A patient came into clinic after his driver’s licence had been refused on the basis of his Esterman visual field. When I looked at the printout, the horizontal extent appeared to be well above the Austroads cut-off for a private licence. I asked two experienced ophthalmology colleagues and a couple of optometrists what they thought. All four agreed with me. Between us, we concluded that the licensing authority had probably read the field wrong.

He came back a month later and told me the decision had been upheld on review. I assumed the authority had been stubborn. Then another optometrist pointed out, quietly, that I had been measuring it wrong. Austroads measures horizontal extent from the last point seen on each side, not from the last point not seen. Once you reread the field with the correct convention, the licensing decision was right. All five of us, looking at the same Esterman, had been confidently wrong.

That kind of case stays with you. The interesting question wasn’t whose reading was correct. It was that five experienced clinicians had looked at the same printout and disagreed with the licensing authority’s reading of it.

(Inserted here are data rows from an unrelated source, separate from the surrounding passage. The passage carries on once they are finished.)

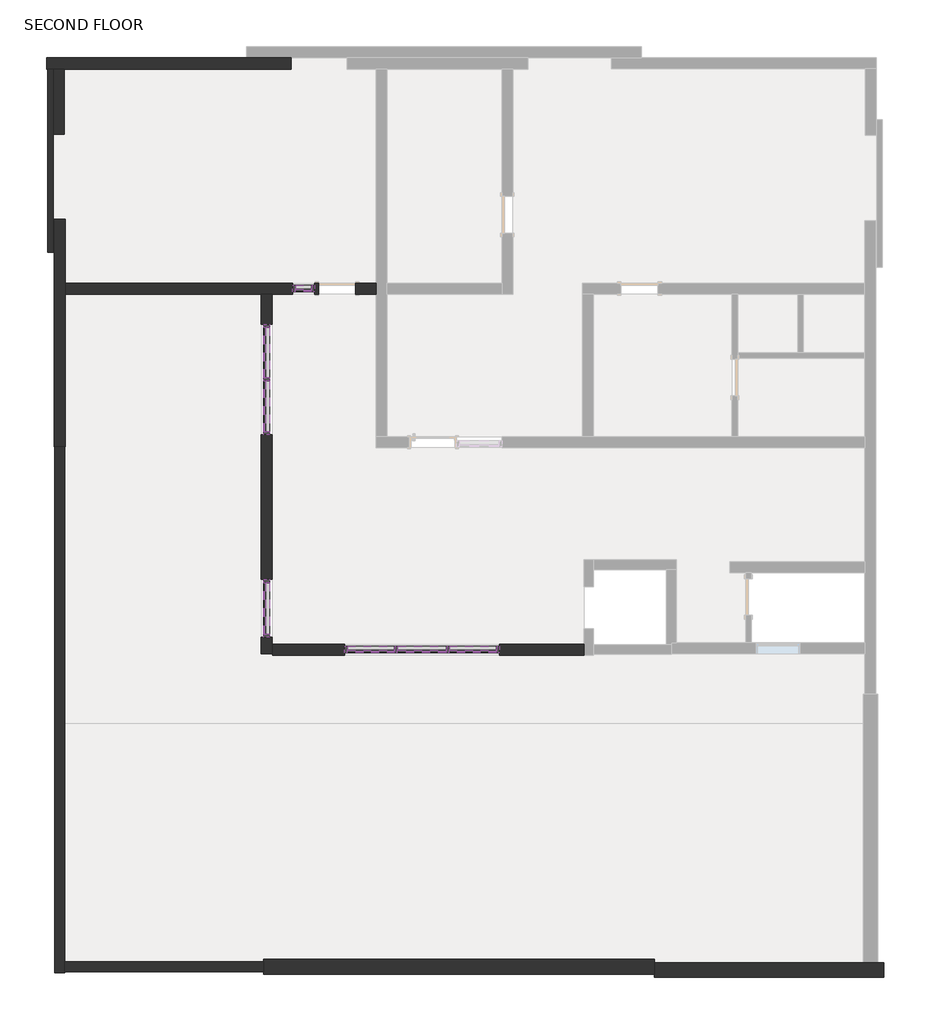
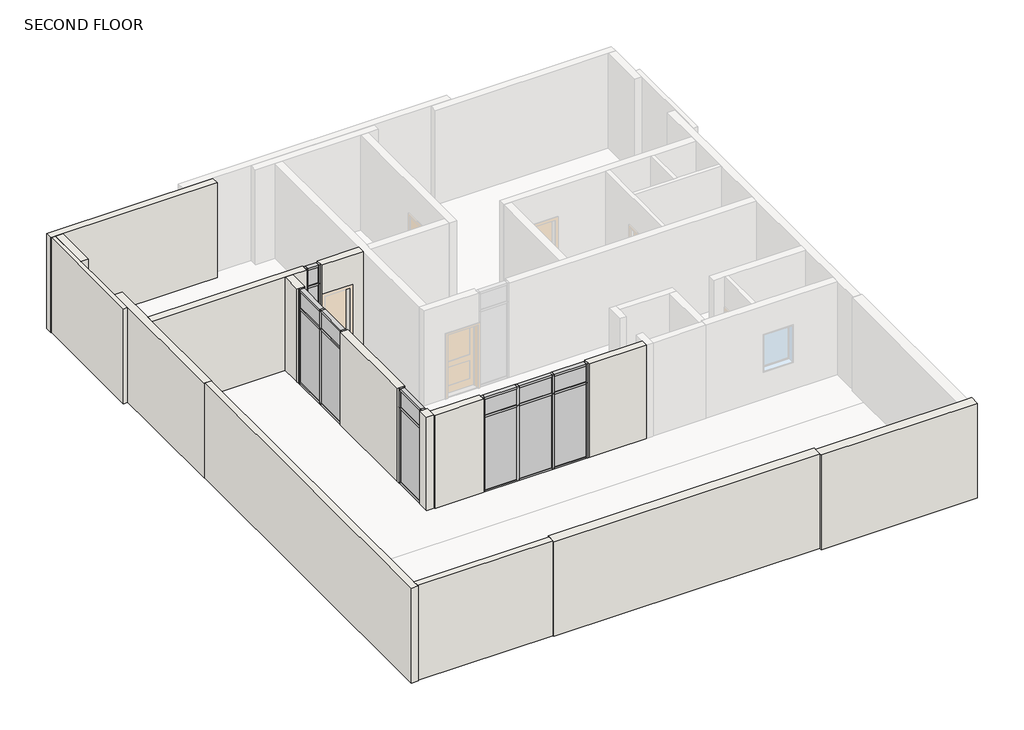
# One storey, part 1 of 2: 43 members, 14 plates, 11 walls.
"""IFC4 building model written with IfcOpenShell, lengths in millimetres."""

from ifc_helpers import new_model, si_unit, frame, origin, place, context, project, spatial, polyline, outline, extrude, faceted_brep, transform, mapped, element, save
from components import member_f0fea5a5, member_ee409385, member_c4de40ee, member_a715cb85, member_f03bb510, member_b0389538, member_0998ace5, member_b9dc02b9, member_6e77e263, member_47bfaf8a, member_78934672, member_697f972d, member_ff9f2d30, member_0c1408be, system_panel_glazed_daed1646, system_panel_glazed_43d75c16, system_panel_glazed_ee97838a, system_panel_glazed_b5d2153e, system_panel_glazed_ff9ba4bf, system_panel_glazed_ef7cd4ce, system_panel_glazed_cc935e45, system_panel_glazed_d41754d3, system_panel_glazed_720fdf88, system_panel_glazed_bfb04d77

model = new_model("IFC4")

# Units and contexts
model_context = context("Model", 3, world=origin())
ifc_project = project(units=[si_unit("LENGTHUNIT", "METRE", prefix="MILLI")], contexts=[model_context])

# Site, building, storey
site = spatial("IfcSite", under=ifc_project)
building = spatial("IfcBuilding", under=site)
storey = spatial("IfcBuildingStorey", under=building, Name="SECOND FLOOR", Elevation=6096.0)

# Members
placement = place(None, origin())
member_shape = member_f0fea5a5(model_context)
element("IfcMember", 1, ObjectType="Rectangular Mullion : 2.5\" x 5\" rectangular", at=placement, inside=storey, context=model_context, shape_type="MappedRepresentation", body=[
    mapped(member_shape, transform((2565.5464181, 4336.5216143, 6096.0), x_axis=(-1.0, 0.0, 0.0), y_axis=(0.0, 1.0, 0.0), z_axis=(0.0, 0.0, -1.0))),
])
element("IfcMember", 2, ObjectType="Rectangular Mullion : 2.5\" x 5\" rectangular", at=placement, inside=storey, context=model_context, shape_type="MappedRepresentation", body=[
    mapped(member_shape, transform((1498.7464183, 4336.5216143, 6096.0), x_axis=(-1.0, 0.0, 0.0), y_axis=(0.0, 1.0, 0.0), z_axis=(0.0, 0.0, -1.0))),
])
element("IfcMember", 3, ObjectType="Rectangular Mullion : 2.5\" x 5\" rectangular", at=placement, inside=storey, context=model_context, shape_type="MappedRepresentation", body=[
    mapped(member_shape, transform((-1181.6535114, 9915.8356247, 6096.0), x_axis=(0.0, 1.0, 0.0), y_axis=(1.0, 0.0, 0.0), z_axis=(0.0, 0.0, -1.0))),
])
member_2_shape = member_ee409385(model_context)
element("IfcMember", 4, ObjectType="Rectangular Mullion : 2.5\" x 5\" rectangular", at=placement, inside=storey, context=model_context, shape_type="MappedRepresentation", body=[
    mapped(member_2_shape, transform((431.9464182, 4336.5216143, 6096.0), x_axis=(-1.0, 0.0, 0.0), y_axis=(0.0, 1.0, 0.0), z_axis=(0.0, 0.0, -1.0))),
])
element("IfcMember", 5, ObjectType="Rectangular Mullion : 2.5\" x 5\" rectangular", at=placement, inside=storey, context=model_context, shape_type="MappedRepresentation", body=[
    mapped(member_2_shape, transform((-1181.6535114, 5784.3216143, 6096.0), x_axis=(0.0, 1.0, 0.0), y_axis=(1.0, 0.0, 0.0), z_axis=(0.0, 0.0, -1.0))),
])
element("IfcMember", 6, ObjectType="Rectangular Mullion : 2.5\" x 5\" rectangular", at=placement, inside=storey, context=model_context, shape_type="MappedRepresentation", body=[
    mapped(member_2_shape, transform((-1181.6535114, 11058.8356247, 6096.0), x_axis=(0.0, 1.0, 0.0), y_axis=(1.0, 0.0, 0.0), z_axis=(0.0, 0.0, -1.0))),
])
element("IfcMember", 7, ObjectType="Rectangular Mullion : 2.5\" x 5\" rectangular", at=placement, inside=storey, context=model_context, shape_type="MappedRepresentation", body=[
    mapped(member_2_shape, transform((-648.2535114, 11793.69348, 6096.0), x_axis=(-1.0, 0.0, 0.0), y_axis=(0.0, 1.0, 0.0), z_axis=(0.0, 0.0, -1.0))),
])
element("IfcMember", 8, ObjectType="Rectangular Mullion : 2.5\" x 5\" rectangular", at=placement, inside=storey, context=model_context, shape_type="MappedRepresentation", body=[
    mapped(member_2_shape, transform((3632.3464182, 4336.5216143, 8534.4), x_axis=(1.0, 0.0, 0.0), y_axis=(0.0, 1.0, 0.0), z_axis=(0.0, 0.0, 1.0))),
])
element("IfcMember", 9, ObjectType="Rectangular Mullion : 2.5\" x 5\" rectangular", at=placement, inside=storey, context=model_context, shape_type="MappedRepresentation", body=[
    mapped(member_2_shape, transform((-1181.6535114, 4590.5216143, 8534.4), x_axis=(0.0, -1.0, 0.0), y_axis=(1.0, 0.0, 0.0), z_axis=(0.0, 0.0, 1.0))),
])
element("IfcMember", 10, ObjectType="Rectangular Mullion : 2.5\" x 5\" rectangular", at=placement, inside=storey, context=model_context, shape_type="MappedRepresentation", body=[
    mapped(member_2_shape, transform((-1181.6535114, 8772.8356247, 8534.4), x_axis=(0.0, -1.0, 0.0), y_axis=(1.0, 0.0, 0.0), z_axis=(0.0, 0.0, 1.0))),
])
element("IfcMember", 11, ObjectType="Rectangular Mullion : 2.5\" x 5\" rectangular", at=placement, inside=storey, context=model_context, shape_type="MappedRepresentation", body=[
    mapped(member_2_shape, transform((-191.0535114, 11793.69348, 8534.4), x_axis=(1.0, 0.0, 0.0), y_axis=(0.0, 1.0, 0.0), z_axis=(0.0, 0.0, 1.0))),
])
member_3_shape = member_c4de40ee(model_context)
element("IfcMember", 12, ObjectType="Rectangular Mullion : 2.5\" x 5\" rectangular", at=placement, inside=storey, context=model_context, shape_type="MappedRepresentation", body=[
    mapped(member_3_shape, transform((-1181.6535114, 5720.8216143, 9144.0), x_axis=(0.0, 0.0, 1.0), y_axis=(1.0, 0.0, 0.0), z_axis=(0.0, 1.0, 0.0))),
])
element("IfcMember", 13, ObjectType="Rectangular Mullion : 2.5\" x 5\" rectangular", at=placement, inside=storey, context=model_context, shape_type="MappedRepresentation", body=[
    mapped(member_3_shape, transform((-1181.6535114, 4654.0216143, 6096.0), x_axis=(0.0, 0.0, -1.0), y_axis=(1.0, 0.0, 0.0), z_axis=(0.0, -1.0, 0.0))),
])
member_4_shape = member_a715cb85(model_context)
element("IfcMember", 14, ObjectType="Rectangular Mullion : 2.5\" x 5\" rectangular", at=placement, inside=storey, context=model_context, shape_type="MappedRepresentation", body=[
    mapped(member_4_shape, transform((-1181.6535114, 5720.8216143, 8534.4), x_axis=(0.0, 0.0, 1.0), y_axis=(1.0, 0.0, 0.0), z_axis=(0.0, 1.0, 0.0))),
])
member_5_shape = member_f03bb510(model_context)
element("IfcMember", 15, ObjectType="Rectangular Mullion : 2.5\" x 5\" rectangular", at=placement, inside=storey, context=model_context, shape_type="MappedRepresentation", body=[
    mapped(member_5_shape, transform((495.4464182, 4336.5216143, 9144.0), x_axis=(0.0, 0.0, 1.0), y_axis=(0.0, 1.0, 0.0), z_axis=(-1.0, 0.0, 0.0))),
])
element("IfcMember", 16, ObjectType="Rectangular Mullion : 2.5\" x 5\" rectangular", at=placement, inside=storey, context=model_context, shape_type="MappedRepresentation", body=[
    mapped(member_5_shape, transform((2597.2964181, 4336.5216143, 9144.0), x_axis=(0.0, 0.0, 1.0), y_axis=(0.0, 1.0, 0.0), z_axis=(-1.0, 0.0, 0.0))),
])
member_6_shape = member_b0389538(model_context)
element("IfcMember", 17, ObjectType="Rectangular Mullion : 2.5\" x 5\" rectangular", at=placement, inside=storey, context=model_context, shape_type="MappedRepresentation", body=[
    mapped(member_6_shape, transform((1530.4964183, 4336.5216143, 9144.0), x_axis=(0.0, 0.0, 1.0), y_axis=(0.0, 1.0, 0.0), z_axis=(-1.0, 0.0, 0.0))),
])
element("IfcMember", 18, ObjectType="Rectangular Mullion : 2.5\" x 5\" rectangular", at=placement, inside=storey, context=model_context, shape_type="MappedRepresentation", body=[
    mapped(member_5_shape, transform((3568.8464182, 4336.5216143, 6096.0), x_axis=(0.0, 0.0, -1.0), y_axis=(0.0, 1.0, 0.0), z_axis=(1.0, 0.0, 0.0))),
])
element("IfcMember", 19, ObjectType="Rectangular Mullion : 2.5\" x 5\" rectangular", at=placement, inside=storey, context=model_context, shape_type="MappedRepresentation", body=[
    mapped(member_5_shape, transform((1466.9964183, 4336.5216143, 6096.0), x_axis=(0.0, 0.0, -1.0), y_axis=(0.0, 1.0, 0.0), z_axis=(1.0, 0.0, 0.0))),
])
element("IfcMember", 20, ObjectType="Rectangular Mullion : 2.5\" x 5\" rectangular", at=placement, inside=storey, context=model_context, shape_type="MappedRepresentation", body=[
    mapped(member_6_shape, transform((2533.7964181, 4336.5216143, 6096.0), x_axis=(0.0, 0.0, -1.0), y_axis=(0.0, 1.0, 0.0), z_axis=(1.0, 0.0, 0.0))),
])
member_7_shape = member_0998ace5(model_context)
element("IfcMember", 21, ObjectType="Rectangular Mullion : 2.5\" x 5\" rectangular", at=placement, inside=storey, context=model_context, shape_type="MappedRepresentation", body=[
    mapped(member_7_shape, transform((2597.2964181, 4336.5216143, 8534.4), x_axis=(0.0, 0.0, 1.0), y_axis=(0.0, 1.0, 0.0), z_axis=(-1.0, 0.0, 0.0))),
])
element("IfcMember", 22, ObjectType="Rectangular Mullion : 2.5\" x 5\" rectangular", at=placement, inside=storey, context=model_context, shape_type="MappedRepresentation", body=[
    mapped(member_7_shape, transform((495.4464182, 4336.5216143, 8534.4), x_axis=(0.0, 0.0, 1.0), y_axis=(0.0, 1.0, 0.0), z_axis=(-1.0, 0.0, 0.0))),
])
member_8_shape = member_b9dc02b9(model_context)
element("IfcMember", 23, ObjectType="Rectangular Mullion : 2.5\" x 5\" rectangular", at=placement, inside=storey, context=model_context, shape_type="MappedRepresentation", body=[
    mapped(member_8_shape, transform((1530.4964183, 4336.5216143, 8534.4), x_axis=(0.0, 0.0, 1.0), y_axis=(0.0, 1.0, 0.0), z_axis=(-1.0, 0.0, 0.0))),
])
member_9_shape = member_6e77e263(model_context)
element("IfcMember", 24, ObjectType="Rectangular Mullion : 2.5\" x 5\" rectangular", at=placement, inside=storey, context=model_context, shape_type="MappedRepresentation", body=[
    mapped(member_9_shape, transform((2565.5464181, 4336.5216143, 8534.4), x_axis=(-1.0, 0.0, 0.0), y_axis=(0.0, 1.0, 0.0), z_axis=(0.0, 0.0, -1.0))),
])
element("IfcMember", 25, ObjectType="Rectangular Mullion : 2.5\" x 5\" rectangular", at=placement, inside=storey, context=model_context, shape_type="MappedRepresentation", body=[
    mapped(member_9_shape, transform((1498.7464183, 4336.5216143, 8534.4), x_axis=(-1.0, 0.0, 0.0), y_axis=(0.0, 1.0, 0.0), z_axis=(0.0, 0.0, -1.0))),
])
element("IfcMember", 26, ObjectType="Rectangular Mullion : 2.5\" x 5\" rectangular", at=placement, inside=storey, context=model_context, shape_type="MappedRepresentation", body=[
    mapped(member_9_shape, transform((-1181.6535114, 9915.8356247, 8534.4), x_axis=(0.0, 1.0, 0.0), y_axis=(1.0, 0.0, 0.0), z_axis=(0.0, 0.0, -1.0))),
])
member_10_shape = member_47bfaf8a(model_context)
element("IfcMember", 27, ObjectType="Rectangular Mullion : 2.5\" x 5\" rectangular", at=placement, inside=storey, context=model_context, shape_type="MappedRepresentation", body=[
    mapped(member_10_shape, transform((431.9464182, 4336.5216143, 8534.4), x_axis=(-1.0, 0.0, 0.0), y_axis=(0.0, 1.0, 0.0), z_axis=(0.0, 0.0, -1.0))),
])
element("IfcMember", 28, ObjectType="Rectangular Mullion : 2.5\" x 5\" rectangular", at=placement, inside=storey, context=model_context, shape_type="MappedRepresentation", body=[
    mapped(member_10_shape, transform((-1181.6535114, 5784.3216143, 8534.4), x_axis=(0.0, 1.0, 0.0), y_axis=(1.0, 0.0, 0.0), z_axis=(0.0, 0.0, -1.0))),
])
element("IfcMember", 29, ObjectType="Rectangular Mullion : 2.5\" x 5\" rectangular", at=placement, inside=storey, context=model_context, shape_type="MappedRepresentation", body=[
    mapped(member_10_shape, transform((-1181.6535114, 11058.8356247, 8534.4), x_axis=(0.0, 1.0, 0.0), y_axis=(1.0, 0.0, 0.0), z_axis=(0.0, 0.0, -1.0))),
])
element("IfcMember", 30, ObjectType="Rectangular Mullion : 2.5\" x 5\" rectangular", at=placement, inside=storey, context=model_context, shape_type="MappedRepresentation", body=[
    mapped(member_10_shape, transform((-648.2535114, 11793.69348, 8534.4), x_axis=(-1.0, 0.0, 0.0), y_axis=(0.0, 1.0, 0.0), z_axis=(0.0, 0.0, -1.0))),
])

Since then, I have shown difficult fields to colleagues and discussed the rules with both optometrists and ophthalmologists. My impression is that the disagreement was not unusual. Competent clinicians can read the same field differently because the operational details are easy to misremember.

What’s at stake cuts both ways. Get the rules wrong in one direction and a patient who actually meets the standard loses their licence: a tradesperson who can’t drive to jobs, an aged-care worker on a 6am start, a parent who can no longer ferry children, an older patient who becomes dependent on family, anyone in a rural area with no realistic public transport. Get it wrong the other way and someone who shouldn’t be driving stays on the road, putting their passengers, other motorists, pedestrians, and cyclists at risk of serious injury.

Many glaucoma patients drive safely for years, but the conversation becomes difficult when field loss approaches the thresholds. Optometrists often carry the front-line burden of that discussion: detecting and monitoring disease, and explaining why a seemingly technical result can have a very practical licensing consequence.

Why the Rules are Harder Than They Look

Most Esterman fields are easy to interpret. There is a clear pass or a clear fail, and the rule application is unambiguous. But a meaningful minority sit close to the thresholds, and those are the cases where the operational details of Austroads start to matter.

The Australian standard, Austroads Assessing Fitness to Drive,¹ is the source document. The visual-field section is not especially long, but it is more nuanced than many of us remember when a printout lands on the desk between patients.

For private drivers, a binocular Esterman with at least 110° of horizontal extent may meet the unconditional numeric field requirement, assuming the central field and reliability criteria are also satisfactory. A field between 90° and 109° may support a conditional licence, depending on the broader clinical situation and the licensing authority’s decision. Commercial driving is stricter: a commercial unconditional licence is not normally compatible with a significant field defect, and a conditional pathway requires at least 140° of horizontal extent, no field loss likely to impede driving, and careful consideration of the driving task.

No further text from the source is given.